Are your photos revealing your location when you post them on the Internet?

by: Gary SimsSeptember 27, 2013

smartphone gps hackDid you know that photos taken on smartphones, including Android devices, can include location information about where the photo was taken? It seems that many people don’t realize this and although it can be a useful feature there is also a dangerous side to this seemingly innocent data.

At the end of last year, John McAfee – the founder of McAfee, the well known anti-virus and security company, went on the run from his home in Belize because a neighbor of his had been shot and he feared that he would be wrongly accused. While on the run, reporters from Vice magazine went with McAfee as he fled to Guatemala. In a teaser post for the planned exclusive interview with McAfee, the Vice reporters uploaded a photo showing John together with the editor-in-chief Rocco Castoro. But, they forgot that photos can carry location data. In this instance the photo showed that McAfee was standing by a swimming pool in a house near Lake Izabal. The result was that the fugitive was arrested for illegally entering Guatemala. Eventually McAfee was deported back to the USA.

john-mcafee-in-Guatemala-plus-mapAlthough this all sounds like something out of a Tom Clancy novel, it is important to remember that smartphones have the ability to include extra information, known as Exchangeable image file format (EXIF) data, into photos. Some of the data is quite benign, things like a flag to mark if the flash fired, or what metering mode was used. But it can also include a GeoTag – geographic location.

Often this GeoTag is added to the photos by default and if Android’s location services are enabled the GeoTag will be derived, surprisingly accurately, from cell tower information or Wi-Fi signals – even when the GPS isn’t activated.

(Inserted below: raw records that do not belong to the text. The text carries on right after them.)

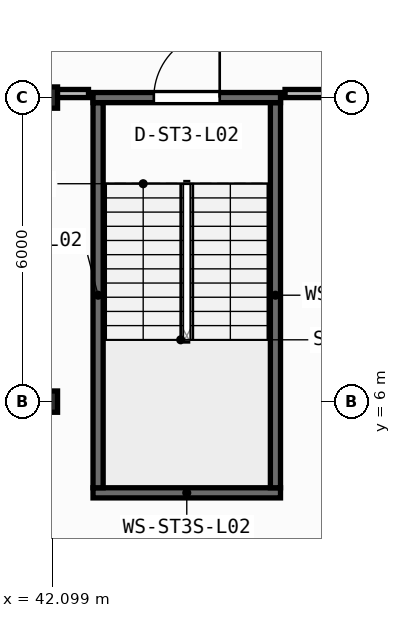
"""IFC4 building model, lengths in metres.
Left out: names, types, materials, properties, quantities, classifications, styles, units other than length and angle.
Written with IfcOpenShell. Run it as: python <this file> out.ifc"""

import sys

from ifc_helpers import new_model, si_unit, direction, frame, frame_2d, origin, origin_2d, place, context, subcontext, project, spatial, rectangle, i_section, extrude, element, fill, save


model = new_model("IFC4")
c1 = context("Model", 3, precision=1e-05, world=origin(), true_north=direction((0.0, 1.0)))
c2 = subcontext(c1, "Body", "Model", "MODEL_VIEW")
j1 = project(units=[si_unit("LENGTHUNIT", "METRE"), si_unit("PLANEANGLEUNIT", "RADIAN")], contexts=[c1])
p1 = place(None, origin())
s1 = spatial("IfcSite", under=j1, at=p1, CompositionType="ELEMENT")
p2 = place(p1, origin())
s2 = spatial("IfcBuilding", under=s1, at=p2, CompositionType="ELEMENT")
p3 = place(p2, frame((0.0, 0.0, 9.0)))
s3 = spatial("IfcBuildingStorey", under=s2, at=p3, CompositionType="ELEMENT", Elevation=9.0)
for number, where, z_axis, x_axis in (
    (1, (42.0, 6.0, 0.0), (0.0, 0.0, 1.0), (1.0, 0.0, 0.0)),
    (2, (42.0, 12.0, 0.0), (0.0, 0.0, 1.0), (1.0, 0.0, 0.0)),
):
    element("IfcColumn", number, at=place(p3, frame(where, z_axis=z_axis, x_axis=x_axis)), inside=s3, PredefinedType="COLUMN", context=c2, shape_type="SweptSolid", body=[
        extrude(i_section(OverallWidth=0.4, OverallDepth=0.42, WebThickness=0.025, FlangeThickness=0.04, at=origin_2d()), origin(), (0.0, 0.0, 1.0), 4.5),
    ])
p4 = place(p3, frame((42.9, 4.2, 0.0), z_axis=(0.0, 0.0, 1.0), x_axis=(1.0, 0.0, 0.0)))
e3 = element("IfcWall", 3, at=p4, inside=s3, PredefinedType="SHEAR", context=c2, shape_type="SweptSolid", body=[
    extrude(rectangle(XDim=3.7, YDim=0.2, at=frame_2d((1.85, 0.0))), origin(), (0.0, 0.0, 1.0), 4.25),
])
for number, where, z_axis, x_axis in (
    (4, (43.0, 4.3, 0.0), (0.0, 0.0, 1.0), (0.0, 1.0, 0.0)),
    (5, (46.5, 4.3, 0.0), (0.0, 0.0, 1.0), (0.0, 1.0, 0.0)),
):
    element("IfcWall", number, at=place(p3, frame(where, z_axis=z_axis, x_axis=x_axis)), inside=s3, PredefinedType="SHEAR", context=c2, shape_type="SweptSolid", body=[
        extrude(rectangle(XDim=7.6, YDim=0.2, at=frame_2d((3.8, 0.0))), origin(), (0.0, 0.0, 1.0), 4.25),
    ])
p5 = place(p3, frame((42.9, 12.0, 0.0), z_axis=(0.0, 0.0, 1.0), x_axis=(1.0, 0.0, 0.0)))
e6 = element("IfcWall", 6, at=p5, inside=s3, PredefinedType="SHEAR", context=c2, shape_type="SweptSolid", body=[
    extrude(rectangle(XDim=3.7, YDim=0.2, at=frame_2d((1.85, 0.0))), origin(), (0.0, 0.0, 1.0), 4.25),
])
p6 = place(p5, frame((1.2, 0.0, 0.0)))
e7 = element("IfcOpeningElement", 7, at=p6, cuts=e6, PredefinedType="OPENING", context=c2, shape_type="SweptSolid", body=[
    extrude(rectangle(XDim=1.3, YDim=2.15, at=frame_2d((0.65, 1.075))), frame((0.0, 0.11, 0.0), z_axis=(0.0, -1.0, 0.0), x_axis=(1.0, 0.0, 0.0)), (0.0, 0.0, 1.0), 0.22),
])
p7 = place(p3, frame((31.63, 12.08, 0.0), z_axis=(0.0, 0.0, 1.0), x_axis=(1.0, 0.0, 0.0)))
e8 = element("IfcWall", 8, at=p7, inside=s3, PredefinedType="PARTITIONING", context=c2, shape_type="SweptSolid", body=[
    extrude(rectangle(XDim=11.181, YDim=0.16, at=frame_2d((5.59, 0.0))), origin(), (0.0, 0.0, 1.0), 3.425),
])
p8 = place(p3, frame((46.689, 12.08, 0.0), z_axis=(0.0, 0.0, 1.0), x_axis=(1.0, 0.0, 0.0)))
e9 = element("IfcWall", 9, at=p8, inside=s3, PredefinedType="PARTITIONING", context=c2, shape_type="SweptSolid", body=[
    extrude(rectangle(XDim=2.843, YDim=0.16, at=frame_2d((1.421, 0.0))), origin(), (0.0, 0.0, 1.0), 3.425),
])
p9 = place(p6, origin())
e10 = element("IfcDoor", 10, at=p9, inside=s3, OperationType="SINGLE_SWING_RIGHT", PredefinedType="DOOR", context=c2, shape_type="SweptSolid", body=[
    extrude(rectangle(XDim=1.3, YDim=2.15, at=frame_2d((0.65, 1.075))), frame((0.0, 0.025, 0.0), z_axis=(0.0, -1.0, 0.0), x_axis=(1.0, 0.0, 0.0)), (0.0, 0.0, 1.0), 0.05),
])
fill(e7, e10)
save(model, sys.argv[1])

The darker side to this is the danger it poses to children. As a parent I stringently avoid posting pictures of my kids on sites like Twitter, Facebook or G+. You might think I am a bit odd, but there are lots of nasty people out there and before the Internet age I didn’t post pictures of my kids in the town square for all to see and I sure ain’t going to post them on the Internet. If you do post pictures make sure your photos don’t contain any location data. I don’t want to sound extremist, but the last thing you need is for a troubled person taking a liking to a photo of your kid and then waiting for them outside their school. How does he know where the school is? Because of the Christmas play photos you posted on the Internet!

It also seems that the NSA has a healthy interest in your photos. According to a 2008 presentation which was recently released by Edward Snowden, the NSA’s XKeyscore program planned (at the time) to capture and analyze EXIF data. Since that was five years ago it is very likely that the NSA is already doing it.

As for social networks, thankfully sites like Twitter actually remove the EXIF data when you upload a photo from a smartphone. Facebook chooses not to display the location EXIF data – but probably still has a copy of the information on its servers.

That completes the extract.